Recently her children gave her a bang-up 70th birthday in Seattle. Those offspring are talented folks, too. Oldest son Paul is one of the Flying Karamazov Brothers, a mix of comedy, acrobatics and music that performs on Broadway, with symphonies and elsewhere.
Morgan is a Santa Cruz dermatologist and Victoria Barklow works in the financial side of Matrix Semiconductor. Barklow was also one of the 10 original people with Palm Pilot. Yikes.
APTITUDE FOUND: LaVonne McCarthy is a flight attendant for American Airlines--for 22 years--and mother of two who wanted to explore her options at this point in her life. So she hied herself to Johnson O'Connor Research Institute in San Francisco to see what she was suited for.
The process takes two half-days of testing and one-half day of reviewing results. The testing showed McCarthy has a talent for marketing, a field she had never considered. After attending a career night at UC-Santa Cruz, she signed up for marketing classes this fall.
Meanwhile, daughter Meghan, who also took the testing, is off for her freshman year at UCLA. Testing young people at that age gives a stronger sense of direction, too, McCarthy says.
One of the most provocative questions the ideaphoria part of the testing posed was "What would you say to people today if no one had the ability to talk the next day?" Another maxim that impressed McCarthy was "Aptitude ignored is more frustrating than performing a job you're not suited for."
HIF FUNDRAISER: Realtors in five area cities have combined forces to fight homelessness in the South Bay. They held their third annual "Home for the Holidays" fundraiser in late September. The event was expected to raise $60,000 for the Housing Industry Foundation.
H for the H was held at Sacred Heart Church and included an auction, raffle, hors d'oeuvres, music and dancing. The grand prize was a trip to Hawaii. Robert Reid and Debra Patterson were the co-chairpersons. Cities taking part are Saratoga, Los Gatos, Cupertino, Sunnyvale and Santa Clara.

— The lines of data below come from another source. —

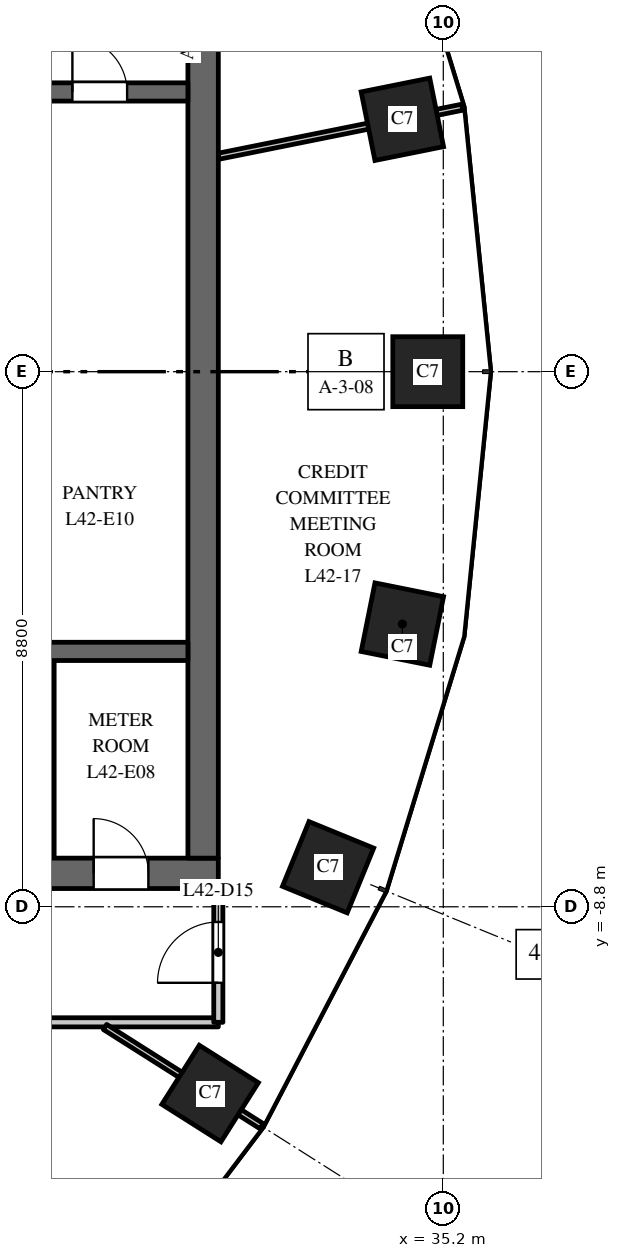
"""IFC4 building model, lengths in metres.
Left out: names, types, materials, properties, quantities, classifications, styles, units other than length and angle.
Written with IfcOpenShell. Run it as: python <this file> out.ifc"""

import sys

from ifc_helpers import new_model, si_unit, direction, frame, frame_2d, origin, origin_2d, place, context, subcontext, project, spatial, rectangle, extrude, element, fill, save


model = new_model("IFC4")
c1 = context("Model", 3, precision=1e-05, world=origin(), true_north=direction((0.0, 1.0)))
c2 = subcontext(c1, "Body", "Model", "MODEL_VIEW")
j1 = project(units=[si_unit("LENGTHUNIT", "METRE"), si_unit("PLANEANGLEUNIT", "RADIAN")], contexts=[c1])
p1 = place(None, origin())
s1 = spatial("IfcSite", under=j1, at=p1, CompositionType="ELEMENT")
p2 = place(p1, origin())
s2 = spatial("IfcBuilding", under=s1, at=p2, CompositionType="ELEMENT")
p3 = place(p2, frame((0.0, 0.0, 182.0)))
s3 = spatial("IfcBuildingStorey", under=s2, at=p3, CompositionType="ELEMENT", Elevation=182.0)
for number, where, z_axis, x_axis in (
    (1, (34.945, 0.0, 0.0), (0.0, 0.0, 1.0), (0.0, 1.0, 0.0)),
    (2, (34.527, 4.151, 0.0), (0.0, 0.0, 1.0), (-0.197, 0.98, 0.0)),
    (3, (31.365, -11.871, 0.0), (0.0, 0.0, 1.0), (0.535, 0.845, 0.0)),
    (4, (33.305, -8.149, 0.0), (0.0, 0.0, 1.0), (0.379, 0.925, 0.0)),
    (5, (34.527, -4.151, 0.0), (0.0, 0.0, 1.0), (0.197, 0.98, 0.0)),
):
    element("IfcColumn", number, at=place(p3, frame(where, z_axis=z_axis, x_axis=x_axis)), inside=s3, PredefinedType="COLUMN", context=c2, shape_type="SweptSolid", body=[
        extrude(rectangle(XDim=1.15, YDim=1.15, at=origin_2d()), origin(), (0.0, 0.0, 1.0), 4.0),
    ])
p4 = place(p3, frame((16.5, -8.25, 0.0), z_axis=(0.0, 0.0, 1.0), x_axis=(1.0, 0.0, 0.0)))
e6 = element("IfcWall", 6, at=p4, inside=s3, PredefinedType="SHEAR", context=c2, shape_type="SweptSolid", body=[
    extrude(rectangle(XDim=15.0, YDim=0.5, at=frame_2d((7.5, 0.0))), origin(), (0.0, 0.0, 1.0), 3.7),
])
p5 = place(p4, frame((6.9, 0.0, 0.0)))
e7 = element("IfcOpeningElement", 7, at=p5, cuts=e6, PredefinedType="OPENING", context=c2, shape_type="SweptSolid", body=[
    extrude(rectangle(XDim=1.2, YDim=2.1, at=frame_2d((0.6, 1.05))), frame((0.0, 0.26, 0.0), z_axis=(0.0, -1.0, 0.0), x_axis=(1.0, 0.0, 0.0)), (0.0, 0.0, 1.0), 0.52),
])
p6 = place(p4, frame((12.95, 0.0, 0.0)))
e8 = element("IfcOpeningElement", 8, at=p6, cuts=e6, PredefinedType="OPENING", context=c2, shape_type="SweptSolid", body=[
    extrude(rectangle(XDim=0.9, YDim=2.1, at=frame_2d((0.45, 1.05))), frame((0.0, 0.26, 0.0), z_axis=(0.0, -1.0, 0.0), x_axis=(1.0, 0.0, 0.0)), (0.0, 0.0, 1.0), 0.52),
])
p7 = place(p3, frame((31.25, -8.0, 0.0), z_axis=(0.0, 0.0, 1.0), x_axis=(0.0, 1.0, 0.0)))
e9 = element("IfcWall", 9, at=p7, inside=s3, PredefinedType="SHEAR", context=c2, shape_type="SweptSolid", body=[
    extrude(rectangle(XDim=16.0, YDim=0.5, at=frame_2d((8.0, 0.0))), origin(), (0.0, 0.0, 1.0), 3.7),
])
p8 = place(p3, frame((24.9, 4.6, 0.0), z_axis=(0.0, 0.0, 1.0), x_axis=(1.0, 0.0, 0.0)))
e10 = element("IfcWall", 10, at=p8, inside=s3, PredefinedType="SHEAR", context=c2, shape_type="SweptSolid", body=[
    extrude(rectangle(XDim=6.1, YDim=0.3, at=frame_2d((3.05, 0.0))), origin(), (0.0, 0.0, 1.0), 3.7),
])
p9 = place(p8, frame((4.2, 0.0, 0.0)))
e11 = element("IfcOpeningElement", 11, at=p9, cuts=e10, PredefinedType="OPENING", context=c2, shape_type="SweptSolid", body=[
    extrude(rectangle(XDim=0.9, YDim=2.1, at=frame_2d((0.45, 1.05))), frame((0.0, 0.16, 0.0), z_axis=(0.0, -1.0, 0.0), x_axis=(1.0, 0.0, 0.0)), (0.0, 0.0, 1.0), 0.32),
])
p10 = place(p3, frame((28.7, -8.0, 0.0), z_axis=(0.0, 0.0, 1.0), x_axis=(0.0, 1.0, 0.0)))
e12 = element("IfcWall", 12, at=p10, inside=s3, PredefinedType="PARTITIONING", context=c2, shape_type="SweptSolid", body=[
    extrude(rectangle(XDim=3.25, YDim=0.2, at=frame_2d((1.625, 0.0))), origin(), (0.0, 0.0, 1.0), 3.7),
])
p11 = place(p3, frame((24.9, -4.6, 0.0), z_axis=(0.0, 0.0, 1.0), x_axis=(1.0, 0.0, 0.0)))
e13 = element("IfcWall", 13, at=p11, inside=s3, PredefinedType="SHEAR", context=c2, shape_type="SweptSolid", body=[
    extrude(rectangle(XDim=6.1, YDim=0.3, at=frame_2d((3.05, 0.0))), origin(), (0.0, 0.0, 1.0), 3.7),
])
p12 = place(p3, frame((16.5, -10.7, 0.0), z_axis=(0.0, 0.0, 1.0), x_axis=(1.0, 0.0, 0.0)))
e14 = element("IfcWall", 14, at=p12, inside=s3, PredefinedType="PARTITIONING", context=c2, shape_type="SweptSolid", body=[
    extrude(rectangle(XDim=15.0, YDim=0.15, at=frame_2d((7.5, 0.0))), origin(), (0.0, 0.0, 1.0), 2.75),
])
p13 = place(p12, frame((4.15, 0.0, 0.0)))
e15 = element("IfcOpeningElement", 15, at=p13, cuts=e14, PredefinedType="OPENING", context=c2, shape_type="SweptSolid", body=[
    extrude(rectangle(XDim=1.0, YDim=2.1, at=frame_2d((0.5, 1.05))), frame((0.0, 0.085, 0.0), z_axis=(0.0, -1.0, 0.0), x_axis=(1.0, 0.0, 0.0)), (0.0, 0.0, 1.0), 0.17),
])
p14 = place(p12, frame((7.061, 0.0, 0.0)))
e16 = element("IfcOpeningElement", 16, at=p14, cuts=e14, PredefinedType="OPENING", context=c2, shape_type="SweptSolid", body=[
    extrude(rectangle(XDim=1.0, YDim=2.1, at=frame_2d((0.5, 1.05))), frame((0.0, 0.085, 0.0), z_axis=(0.0, -1.0, 0.0), x_axis=(1.0, 0.0, 0.0)), (0.0, 0.0, 1.0), 0.17),
])
p15 = place(p3, frame((29.637, -10.777, 0.0), z_axis=(0.0, 0.0, 1.0), x_axis=(0.844810627195, -0.535065420467, 0.0)))
e17 = element("IfcWall", 17, at=p15, inside=s3, PredefinedType="PARTITIONING", context=c2, shape_type="SweptSolid", body=[
    extrude(rectangle(XDim=3.048, YDim=0.1, at=frame_2d((1.524, 0.0))), origin(), (0.0, 0.0, 1.0), 2.9),
])
p16 = place(p3, frame((31.5, -10.7, 0.0), z_axis=(0.0, 0.0, 1.0), x_axis=(0.0, 1.0, 0.0)))
e18 = element("IfcWall", 18, at=p16, inside=s3, PredefinedType="PARTITIONING", context=c2, shape_type="SweptSolid", body=[
    extrude(rectangle(XDim=2.2, YDim=0.15, at=frame_2d((1.1, 0.0))), origin(), (0.0, 0.0, 1.0), 2.9),
])
p17 = place(p16, frame((0.65, 0.0, 0.0)))
e19 = element("IfcOpeningElement", 19, at=p17, cuts=e18, PredefinedType="OPENING", context=c2, shape_type="SweptSolid", body=[
    extrude(rectangle(XDim=1.0, YDim=2.1, at=frame_2d((0.5, 1.05))), frame((0.0, 0.085, 0.0), z_axis=(0.0, -1.0, 0.0), x_axis=(1.0, 0.0, 0.0)), (0.0, 0.0, 1.0), 0.17),
])
p18 = place(p3, frame((31.5, 3.542, 0.0), z_axis=(0.0, 0.0, 1.0), x_axis=(0.980357474535, 0.197228857227, 0.0)))
e20 = element("IfcWall", 20, at=p18, inside=s3, PredefinedType="PARTITIONING", context=c2, shape_type="SweptSolid", body=[
    extrude(rectangle(XDim=4.092, YDim=0.1, at=frame_2d((2.046, 0.0))), origin(), (0.0, 0.0, 1.0), 2.9),
])
p19 = place(p6, origin())
e21 = element("IfcDoor", 21, at=p19, inside=s3, OperationType="SINGLE_SWING_RIGHT", PredefinedType="DOOR", context=c2, shape_type="SweptSolid", body=[
    extrude(rectangle(XDim=0.9, YDim=2.1, at=frame_2d((0.45, 1.05))), frame((0.0, 0.025, 0.0), z_axis=(0.0, -1.0, 0.0), x_axis=(1.0, 0.0, 0.0)), (0.0, 0.0, 1.0), 0.05),
])
fill(e8, e21)
p20 = place(p9, origin())
e22 = element("IfcDoor", 22, at=p20, inside=s3, OperationType="SINGLE_SWING_RIGHT", PredefinedType="DOOR", context=c2, shape_type="SweptSolid", body=[
    extrude(rectangle(XDim=0.9, YDim=2.1, at=frame_2d((0.45, 1.05))), frame((0.0, 0.025, 0.0), z_axis=(0.0, -1.0, 0.0), x_axis=(1.0, 0.0, 0.0)), (0.0, 0.0, 1.0), 0.05),
])
fill(e11, e22)
p21 = place(p17, origin())
e23 = element("IfcDoor", 23, at=p21, inside=s3, OperationType="SINGLE_SWING_LEFT", PredefinedType="DOOR", context=c2, shape_type="SweptSolid", body=[
    extrude(rectangle(XDim=1.0, YDim=2.1, at=frame_2d((0.5, 1.05))), frame((0.0, 0.025, 0.0), z_axis=(0.0, -1.0, 0.0), x_axis=(1.0, 0.0, 0.0)), (0.0, 0.0, 1.0), 0.05),
])
fill(e19, e23)
save(model, sys.argv[1])

"The funds will be put to work immediately to prevent local families from losing their housing," says Reid.
SHORTS II: On tap at the Gaslighter Theater in Campbell on Oct. 15, at 1:30 p.m. is a staged reading of seven short plays, finalists in the Silicon Valley Playwrights Association Festival of New Plays. I only mention this because I'm one of the playwrights. A staged reading is one of the steps leading to full production.
NEW SPIN: Here's a convention with an unusual spin to it: The Carousel Association Convention. Well, Jim and Kik Sugai are just back from Cleveland where they attended that very event and report it was quite a lark. A new circle of friends, perhaps. Jim, retired from LG Parks and Rec, is one of those volunteers who tends to the Oak Meadow carousel.